Which points to too much data again, IMO.

eNBeWe commented 3 weeks ago

@gitolicious Nice lab-setup and nice find. Too bad that it is indeed memory related. I know of no online sml test generator, I built my test data manually. The SML specifications are actually not toooooo bad to read, so with some patience you could disect the messages and strip them down.

@passionsfrucht The warning about the component taking too long is already "documented" in the corresponding issue. I even have these messages when I use my probe on my smart meter with very few messages (thanks to my energy provider that gave me a seriously cut down meter). Maybe this is more of a problem of the serial transmission. Since the uart port is running at 9600 baud, you can "only" transmit about 280 bytes of data before the component is flagged as "too slow". With additional computation overhead the 30ms are over quick.

gitolicious commented 1 week ago

After finding an ESP32 C3 SuperMini in a drawer, I decided to replace my ESP01 with that.

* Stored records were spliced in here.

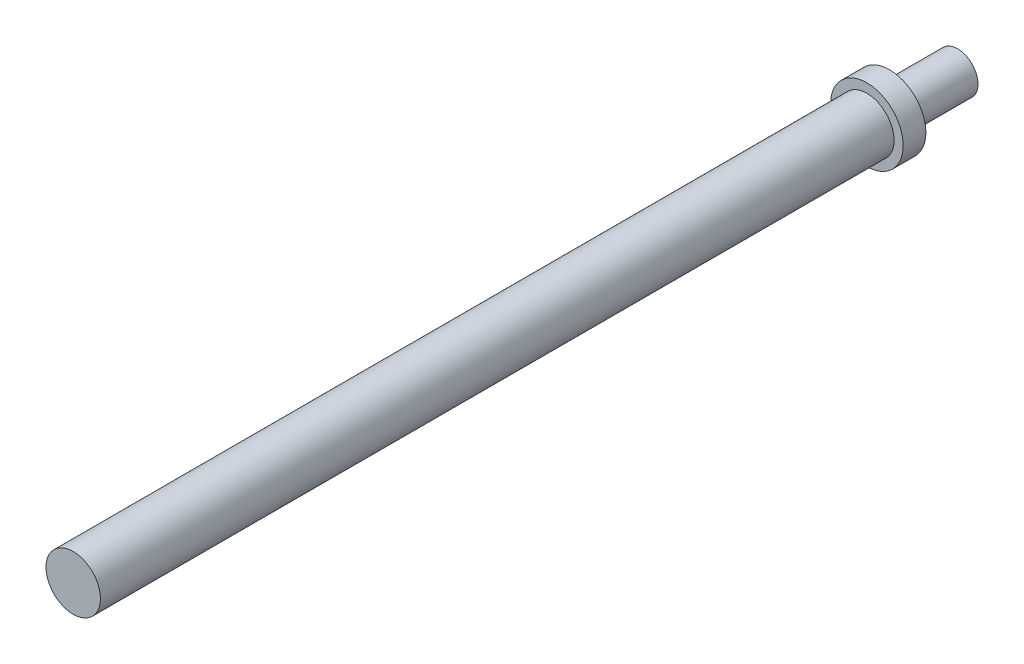
from build123d import *

# Parameters (mm, degrees)
SKETCH_1_R      = 4.5
EXTRUDE_1_DEPTH = 15
SKETCH_2_R      = 6
EXTRUDE_2_DEPTH = 180
SKETCH_3_R      = 8
EXTRUDE_3_DEPTH = 5


with BuildPart() as part:
    # 草图1 → 凸台-拉伸1 (new body)
    with BuildSketch(Plane.XY):
        Circle(SKETCH_1_R)
    extrude(amount=EXTRUDE_1_DEPTH)

    # 草图2 → 凸台-拉伸2 (add)
    with BuildSketch(Plane.XY.offset(15)):
        with Locations(Location((0, 0, 0), (0, 0, 180))):
            Circle(SKETCH_2_R)
    extrude(amount=EXTRUDE_2_DEPTH)

    # 草图3 → 凸台-拉伸3 (add)
    with BuildSketch(Plane(origin=(0, 0, 15), x_dir=(-1, 0, 0), z_dir=(0, 0, -1))):
        Circle(SKETCH_3_R)
    extrude(amount=-EXTRUDE_3_DEPTH)


solid = part.part

It just needed a minor change in my 3D-printed case and three short wires - and was definetely easier done than hunting memory leaks in the SML library.

Btw: The (expected) component warning from ESPHome states that it takes 100-150ms for the SML lib to parse these long messages.

[W] [component:237] Component sml took a long time for an operation (105 ms). [W] [component:238] Components should block for at most 30 ms.

What do you think: Should I leave this issue open for others to find it - or even someone brave enough to dig into the memory issues - or should I close it as at least for me everything works fine again after the hardware upgrade?

eNBeWe commented 1 week ago

It will be marked stale and auto-close anyway after some time.

But I guess someone should dig in there at some point ... Then again, SML is purely a german protocol and I guess the affected user base is kind of limited.